Свобода уплывала вместе с ней, и они это знали.

Позже океан, любимый океан, хорошо знакомый океан, на котором большинство из них провели большую часть своей жизни, снова пришёл в ярость, с силой обрушиваясь на берег, свистя и рыча, словно кричал им своё последнее "прощай", будучи уверен, что, как только они углубятся в этот жаркий песок, он больше никогда их не увидит.

– Кто умеет молиться?

Только шесть человек подняли руки.

Леон Боканегра внимательно посмотрел на каждого из них.

– Лучше научите нас, потому что, боюсь, отныне мы будем нуждаться в том, чтобы Господь уделял нам больше внимания, – пробормотал он. – Вера в Бога и уверенность в своих силах – это всё, что у нас есть с этого момента.

– Что с нами будет? – спросил робкий каталонец, который продал всё, что у него было, чтобы получить билет в Землю обетованную, пусть даже на самом жалком судне. – Они действительно такие дикие, как говорят?

Эметерио Падрон, канарский дозорный, который пробыл на борту не более года, но за это время заслужил репутацию немногословного человека, впервые решил заговорить после того, как шторм появился на горизонте. Хрипло ответил:

– До недавнего времени мавры нападали на Фуэртевентуру и Лансароте, увозя всех, кто попадался на их пути. Известно о целых семьях, от которых не вернулся ни один человек. Говорят, в ночи полумесяца они приносили их в жертву, вырывая сердца для подношения Мухаммеду.

– Это ложь! – резко перебил его Диего Кабрера. – Ислам категорически запрещает человеческие жертвоприношения.

– Откуда ты это знаешь?

– Знаю, – был сухой ответ мальягино, но вскоре он добавил: – Мой дед был мусульманином.

– Ты это скрывал.

– Скрывали многие из нас, потому что готов спорить, что у всех нас есть капля мавританской крови. А если нет, пусть поднимет руку тот, кто может похвастаться десятью поколениями "старых христиан".

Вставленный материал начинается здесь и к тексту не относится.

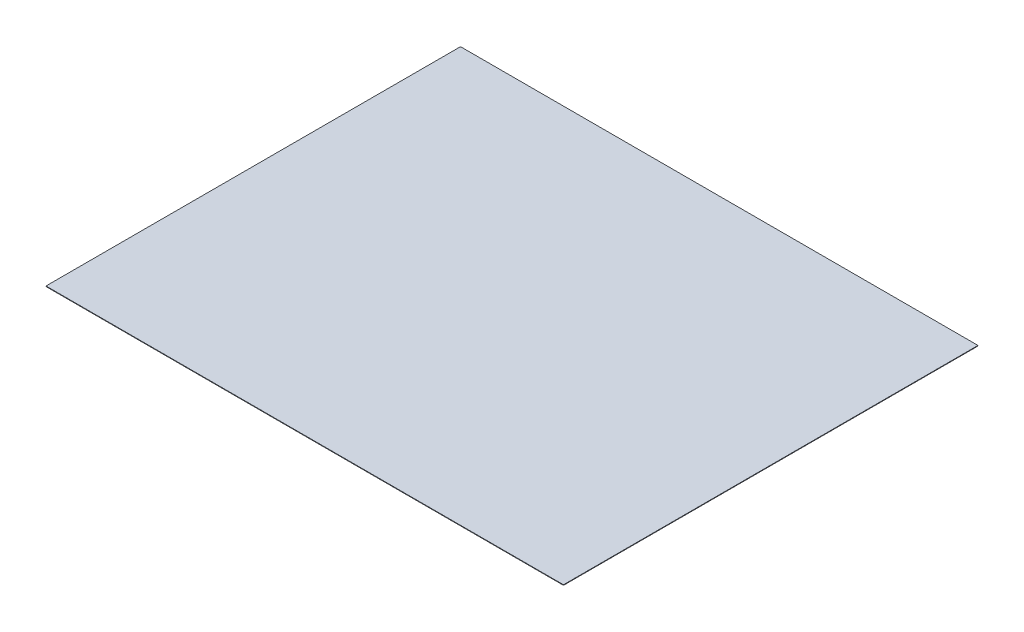
SolidWorks part; units mm, degrees
ref_plane "Front Plane" through (0, 0, 0) normal (0, 0, 1) x (1, 0, 0)
ref_plane "Top Plane" through (0, 0, 0) normal (0, 1, 0) x (1, 0, 0)
ref_plane "Right Plane" through (0, 0, 0) normal (1, 0, 0) x (0, 0, -1)
sketch "Sketch1" plane through (0, 0, 0) normal (0, 1, 0) x (1, 0, 0)
  line L1 (-500, -400.5) -> (500, -400.5)
  line L2 (-500, -400.5) -> (-500, 400.5)
  line L3 (-500, 400.5) -> (500, 400.5)
  line L4 (500, -400.5) -> (500, 400.5)
  line L5 (-500, -400.5) -> (500, 400.5) construction
  line L6 (-500, 400.5) -> (500, -400.5) construction
  point P0 (0, 0)
  dimension "D1" = 1000
  dimension "D2" = 801
extrude "Boss-Extrude1" add sketch "Sketch1" along normal blind 1

Никто этого не сделал, поскольку большинство из них даже не знали точно, кто был их отцом. Вскоре пришли к выводу, что любой исход лучше, чем умирать от жажды на этом ужасном пляже.

На следующее утро Леон Боканегра спустился к подножию дюны, куда его встретил гордый всадник.

– Дай нам воды, и завтра мы сдадимся, – сказал он.

Бедуин указал на точку на юге, где виднелись тёмные скалы.

– Там найдёте воду, – ответил он. – Уходите от корабля, и завтра мы вас заберём.

– Никто не погибнет?

– Зачем нам мёртвые? – был честный ответ. – За них никто не платит. – Казалось, под тёмной вуалью, скрывавшей его лицо, он улыбался. – У тебя моё слово, – заключил он. – Слово ргибата.

Он ударил по шее своей лошади босой ногой и направился в лагерь, в то время как Леон Боканегра возвращался, осознавая горький привкус, который будет сопровождать его до конца жизни. Он был достаточно умен, чтобы понять, что с того момента, как они углубятся в огромный континент, все будет кончено.

Пытаться скрыть свою горечь оказалось бесполезным, и его мрачное настроение передалось всем остальным. Подняв на плечи свои скромные пожитки, они последовали за ним печальной процессией к темным скалам, где их ждали бурдюки из козьей кожи, из которых сочилась горячая, грязная и вонючая вода, едва утоляющая жажду.

– Это цена нашей свободы? – спросил каталонец, который едва не вырвал, когда попробовал эту воду. – Эта мерзость?

– Эта мерзость – грань между жизнью и смертью, – заметил ему Боканегра. – Нам предлагают не свободу в обмен на воду, а свободу в обмен на жизнь.

– Ну, я не собираюсь это принимать, – спокойно ответил юноша. – Я работал, как мул, с тех пор как себя помню, надеясь на лучшую судьбу по ту сторону океана, и я не собираюсь довольствоваться ролью раба до конца своих дней. – Легким движением он попрощался. – Удачи всем!